Wednesday, April 23, 2008

The Disciples at Saïs: A Sacred Theory of Earth, by Peter Lamborn Wilson

... The view of Nature as Ruin depends in part (or half‑consciously) on the concept of a Cartesian ergo sum alone in a universe where everything else is dead matter and "animals have no soul," mere meat machines. But if the human body remains part of nature or in nature, then even a consistent materialist would have to admit that nature is not quite yet dead. Science, taking over the mythic task of religion, strives to "free" consciousness from all mortal taint. Soon we'll be posthuman enough for cloning, total prosthesis, machinic immortality. But somehow a shred of nature may remain, a plague perhaps, or the great global "accident," blind Nature's revenge, meteors from outer space, etc. – "you know the score," as William Burroughs used to say. Taking the long view (and allowing for noble exceptions) sci­ence does precisely what State and Capital demand of it:-make war, make money. "Pure" science is allowed only because it might lead to technologies of death and profit-and this was just as true for the old alchemists who mutated into Isaac Newton, as for the new physicists who ripped open the structure of matter itself.
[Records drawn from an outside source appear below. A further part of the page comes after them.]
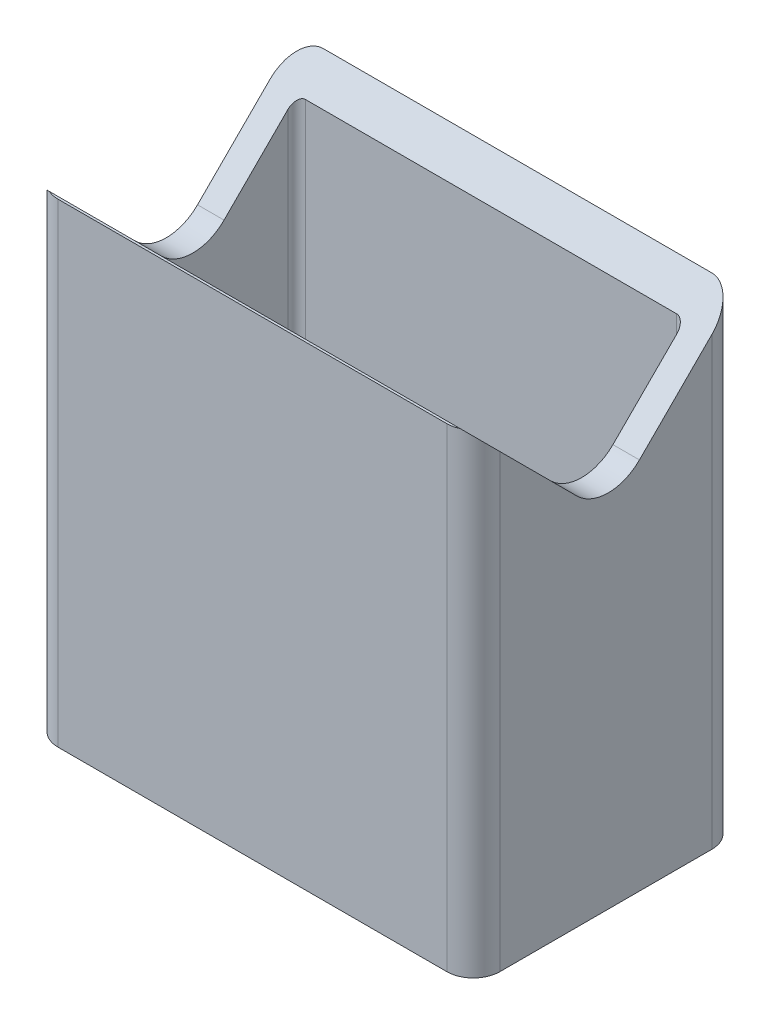
from build123d import *

# Parameters (mm, degrees)
SKETCH1_W           = 50
SKETCH1_H           = 53.7
BOSS_EXTRUDE1_DEPTH = 30
SHELL1_T            = -3
CUT_EXTRUDE1_DEPTH  = 66
FILLET1_R           = 3
FILLET2_R           = 1


with BuildPart() as part:
    # Sketch1 → Boss-Extrude1 (new body)
    with BuildSketch(Plane.XY):
        Rectangle(SKETCH1_W, SKETCH1_H)
    extrude(amount=BOSS_EXTRUDE1_DEPTH)

    # Shell1
    shell1_openings = [part.faces().sort_by_distance(p)[0] for p in [
        (0, -26.85, 15),
        (0, 26.85, 15),
    ]]
    offset(amount=SHELL1_T, openings=shell1_openings, kind=Kind.INTERSECTION)

    # Sketch2 → Cut-Extrude1 (cut)
    with BuildSketch(Plane(origin=(25, 0, 0), x_dir=(0, 0, -1), z_dir=(1, 0, 0))):
        with BuildLine():
            Line((-11.212154068, 15.401262658), (13.536583273, 40.15))
            Line((13.536583273, 40.15), (-14.747687974, 68.434271247))
            Line((-14.747687974, 68.434271247), (-43.031959221, 40.15))
            Line((-43.031959221, 40.15), (-18.28322188, 15.401262658))
            ThreePointArc((-18.28322188, 15.401262658), (-14.747687974, 13.936796564), (-11.212154068, 15.401262658))
        make_face()
    extrude(amount=-CUT_EXTRUDE1_DEPTH, mode=Mode.SUBTRACT)

    # Fillet1
    fillet1_edges = [part.edges().sort_by_distance(p)[0] for p in [
        (-25, -0.118291637, 0),
        (25, -0.118291637, 0),
        (-25, 0, 30),
        (25, 0, 30),
    ]]
    fillet(fillet1_edges, radius=FILLET1_R)

    # Fillet2
    fillet2_edges = [part.edges().sort_by_distance(p)[0] for p in [
        (22, -1.618291637, 3),
        (22, -1.365979611, 27),
        (-22, -1.618291637, 3),
        (-22, -1.365979611, 27),
    ]]
    fillet(fillet2_edges, radius=FILLET2_R)


solid = part.part

Even medicine (seemingly the most altruistic of sciences) advances and progresses primarily in order to increase productivity of workers and generate a world of healthy consumers. ... This article is excerpted from Green Hermeticism: Alchemy and Ecology by Peter Lamborn Wilson, Christopher Bamford, and Kevin Townley, with an introduction by Zia Inayat-Khan. Publisher Lindisfarne books (www.lindisfarne.org)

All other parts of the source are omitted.